We are fighting now face to face with an enemy whose one passionate aim is manifestly destructive conquest; we are ruled by governments that betray us by their passionate desire to keep on the propitiatory defensive. The plain truth is that we cannot stay where we are. We have to go on or succumb. We have to achieve the reorganisation of the world as one continually progressive, political, social, economic and educational community, and embark upon the realisation of the abundance and ever-fuller life for man that is now attainable. We have to do that because there is no other road except the road to destruction.

Am I right in that? Or have you some other end in mind about which I know nothing? And if so will you tell me what that end is? Can you set up the universal peace and plenty that is now clearly possible on earth, in any other way?

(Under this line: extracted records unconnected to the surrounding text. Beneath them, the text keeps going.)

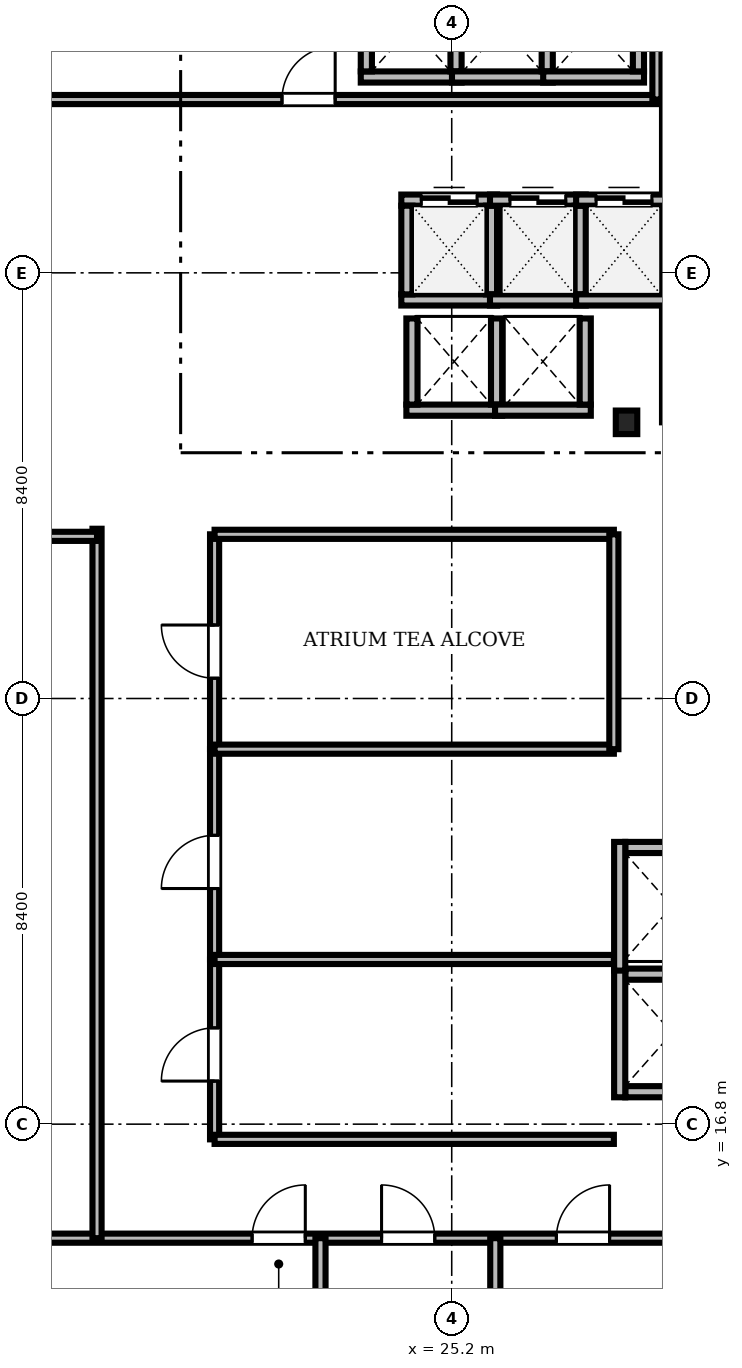
"""IFC4 building model, lengths in metres.
Left out: names, types, materials, properties, quantities, classifications, styles, units other than length and angle.
Written with IfcOpenShell. Run it as: python <this file> out.ifc"""

import sys

from ifc_helpers import new_model, si_unit, direction, frame, frame_2d, origin, origin_2d, place, context, subcontext, project, spatial, rectangle, i_section, extrude, source, transform, mapped, element, fill, save


model = new_model("IFC4")
c1 = context("Model", 3, precision=1e-05, world=origin(), true_north=direction((0.0, 1.0)))
c2 = subcontext(c1, "Body", "Model", "MODEL_VIEW")
j1 = project(units=[si_unit("LENGTHUNIT", "METRE"), si_unit("PLANEANGLEUNIT", "RADIAN")], contexts=[c1])
p1 = place(None, origin())
s1 = spatial("IfcSite", under=j1, at=p1, CompositionType="ELEMENT")
p2 = place(p1, origin())
s2 = spatial("IfcBuilding", under=s1, at=p2, CompositionType="ELEMENT")
p3 = place(p2, frame((0.0, 0.0, 103.7)))
s3 = spatial("IfcBuildingStorey", under=s2, at=p3, CompositionType="ELEMENT", Elevation=103.7)
m1 = source(origin(), c2, "Body", "SweptSolid", [
    extrude(i_section(OverallWidth=0.424, OverallDepth=0.465, WebThickness=0.035, FlangeThickness=0.056, FilletRadius=0.015, at=origin_2d()), origin(), (0.0, 0.0, 1.0), 3.56),
])
p4 = place(p3, frame((28.65, 30.65, 0.0), z_axis=(0.0, 0.0, 1.0), x_axis=(1.0, 0.0, 0.0)))
e1 = element("IfcColumn", 1, at=p4, inside=s3, PredefinedType="COLUMN", context=c2, shape_type="MappedRepresentation", body=[
    mapped(m1, transform((0.0, 0.0, 0.0), scale=1.0)),
])
m2 = source(origin(), c2, "Body", "SweptSolid", [
    extrude(rectangle(XDim=1.99, YDim=0.22, at=frame_2d((0.995, 0.0))), origin(), (0.0, 0.0, 1.0), 3.56),
])
p5 = place(p3, frame((23.405, 37.465, 0.0), z_axis=(0.0, 0.0, 1.0), x_axis=(1.0, 0.0, 0.0)))
e2 = element("IfcWall", 2, at=p5, inside=s3, PredefinedType="SOLIDWALL", context=c2, shape_type="MappedRepresentation", body=[
    mapped(m2, transform((0.0, 0.0, 0.0), scale=1.0)),
])
m3 = source(origin(), c2, "Body", "SweptSolid", [
    extrude(rectangle(XDim=1.75, YDim=0.22, at=frame_2d((0.875, 0.0))), origin(), (0.0, 0.0, 1.0), 3.56),
])
for number, where, z_axis, x_axis in (
    (3, (23.515, 37.575, 0.0), (0.0, 0.0, 1.0), (0.0, 1.0, 0.0)),
    (4, (25.285, 37.575, 0.0), (0.0, 0.0, 1.0), (0.0, 1.0, 0.0)),
):
    element("IfcWall", number, at=place(p3, frame(where, z_axis=z_axis, x_axis=x_axis)), inside=s3, PredefinedType="SOLIDWALL", context=c2, shape_type="MappedRepresentation", body=[
        mapped(m3, transform((0.0, 0.0, 0.0), scale=1.0)),
    ])
p6 = place(p3, frame((25.205, 37.465, 0.0), z_axis=(0.0, 0.0, 1.0), x_axis=(1.0, 0.0, 0.0)))
e5 = element("IfcWall", 5, at=p6, inside=s3, PredefinedType="SOLIDWALL", context=c2, shape_type="MappedRepresentation", body=[
    mapped(m2, transform((0.0, 0.0, 0.0), scale=1.0)),
])
p7 = place(p3, frame((27.085, 37.575, 0.0), z_axis=(0.0, 0.0, 1.0), x_axis=(0.0, 1.0, 0.0)))
e6 = element("IfcWall", 6, at=p7, inside=s3, PredefinedType="SOLIDWALL", context=c2, shape_type="MappedRepresentation", body=[
    mapped(m3, transform((0.0, 0.0, 0.0), scale=1.0)),
])
m4 = source(origin(), c2, "Body", "SweptSolid", [
    extrude(rectangle(XDim=1.99, YDim=0.22, at=frame_2d((0.995, 0.0))), origin(), (0.0, 0.0, 1.0), 3.56),
])
p8 = place(p3, frame((27.005, 37.465, 0.0), z_axis=(0.0, 0.0, 1.0), x_axis=(1.0, 0.0, 0.0)))
e7 = element("IfcWall", 7, at=p8, inside=s3, PredefinedType="SOLIDWALL", context=c2, shape_type="MappedRepresentation", body=[
    mapped(m4, transform((0.0, 0.0, 0.0), scale=1.0)),
])
p9 = place(p3, frame((28.885, 37.575, 0.0), z_axis=(0.0, 0.0, 1.0), x_axis=(0.0, 1.0, 0.0)))
e8 = element("IfcWall", 8, at=p9, inside=s3, PredefinedType="SOLIDWALL", context=c2, shape_type="MappedRepresentation", body=[
    mapped(m3, transform((0.0, 0.0, 0.0), scale=1.0)),
])
m5 = source(origin(), c2, "Body", "SweptSolid", [
    extrude(rectangle(XDim=1.89, YDim=0.22, at=frame_2d((0.945, 0.0))), origin(), (0.0, 0.0, 1.0), 3.56),
])
p10 = place(p3, frame((24.205, 33.065, 0.0), z_axis=(0.0, 0.0, 1.0), x_axis=(1.0, 0.0, 0.0)))
e9 = element("IfcWall", 9, at=p10, inside=s3, PredefinedType="SOLIDWALL", context=c2, shape_type="MappedRepresentation", body=[
    mapped(m5, transform((0.0, 0.0, 0.0), scale=1.0)),
])
p11 = place(p3, frame((24.205, 35.035, 0.0), z_axis=(0.0, 0.0, 1.0), x_axis=(1.0, 0.0, 0.0)))
e10 = element("IfcWall", 10, at=p11, inside=s3, PredefinedType="SOLIDWALL", context=c2, shape_type="MappedRepresentation", body=[
    mapped(m5, transform((0.0, 0.0, 0.0), scale=1.0)),
])
m6 = source(origin(), c2, "Body", "SweptSolid", [
    extrude(rectangle(XDim=1.1, YDim=2.2, at=frame_2d((0.55, 1.1))), frame((0.0, 0.12, 0.0), z_axis=(0.0, -1.0, 0.0), x_axis=(1.0, 0.0, 0.0)), (0.0, 0.0, 1.0), 0.24),
])
p12 = place(p11, frame((0.395, 0.0, 0.0)))
e11 = element("IfcOpeningElement", 11, at=p12, cuts=e10, PredefinedType="OPENING", context=c2, shape_type="MappedRepresentation", body=[
    mapped(m6, transform((0.0, 0.0, 0.0), scale=1.0)),
])
for number, where, z_axis, x_axis in (
    (12, (24.315, 33.175, 0.0), (0.0, 0.0, 1.0), (0.0, 1.0, 0.0)),
    (13, (25.985, 33.175, 0.0), (0.0, 0.0, 1.0), (0.0, 1.0, 0.0)),
):
    element("IfcWall", number, at=place(p3, frame(where, z_axis=z_axis, x_axis=x_axis)), inside=s3, PredefinedType="SOLIDWALL", context=c2, shape_type="MappedRepresentation", body=[
        mapped(m3, transform((0.0, 0.0, 0.0), scale=1.0)),
    ])
p13 = place(p3, frame((25.955, 33.065, 0.0), z_axis=(0.0, 0.0, 1.0), x_axis=(1.0, 0.0, 0.0)))
e14 = element("IfcWall", 14, at=p13, inside=s3, PredefinedType="SOLIDWALL", context=c2, shape_type="MappedRepresentation", body=[
    mapped(m5, transform((0.0, 0.0, 0.0), scale=1.0)),
])
p14 = place(p3, frame((25.955, 35.035, 0.0), z_axis=(0.0, 0.0, 1.0), x_axis=(1.0, 0.0, 0.0)))
e15 = element("IfcWall", 15, at=p14, inside=s3, PredefinedType="SOLIDWALL", context=c2, shape_type="MappedRepresentation", body=[
    mapped(m5, transform((0.0, 0.0, 0.0), scale=1.0)),
])
p15 = place(p14, frame((0.395, 0.0, 0.0)))
e16 = element("IfcOpeningElement", 16, at=p15, cuts=e15, PredefinedType="OPENING", context=c2, shape_type="MappedRepresentation", body=[
    mapped(m6, transform((0.0, 0.0, 0.0), scale=1.0)),
])
p16 = place(p3, frame((27.735, 33.175, 0.0), z_axis=(0.0, 0.0, 1.0), x_axis=(0.0, 1.0, 0.0)))
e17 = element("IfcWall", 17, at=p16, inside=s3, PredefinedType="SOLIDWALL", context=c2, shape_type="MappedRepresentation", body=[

Let me ask you now what the setting-up of one sovereign peace in the world and one general economic control, means. It means World Revolution.. I ask you not to be afraid of the word "Revolution." Speak English. Don't think of Revolution as an affair of street barricades, the heads of beautiful ladies on pikes, and tumbrils going to the guillotine. Our "Glorious Revolution" in 1688 had none of these ingredients, and the Revolution that established the Hanoverian Succession was practically bloodless. You can have a Revolution without massacre or violence. But anyhow, I submit that organised world peace and welfare mean such a Revolution in human life as will dwarf all previous revolutions to comparative insignificance. It means such a universal scrapping of time-honoured institutions as mankind has never faced hitherto. Consider: Man has always been a war-making animal. Our sovereign national governments arose as war-making organisations, and now we are under the necessity of setting up one single Pax in the world. That is a quite fundamental change of front for humanity. How can we do that without either completely amalgamating all existing governments, so far at least as their power to make war goes, or else reducing them to the position of ceremonial memories like Halloween or the Ancient Society of Druids and setting up a common control over them? I put it to you with the utmost deference that anyone who runs about now demanding permanent world peace and who is not prepared to scrap the sovereignty of his own government and amalgamate the general control of political and economic life into a world-wide system, is either muddle-headed or insincere or both. This means the end of the British Empire quite as much as the end of German Imperialism. You have to face it. In other words, I am saying that if we really want World Peace and World Welfare, that means we are World Revolutionary Socialists, and for my own part I cannot see how we can escape the chain of reasoning along which I have been led to this conclusion.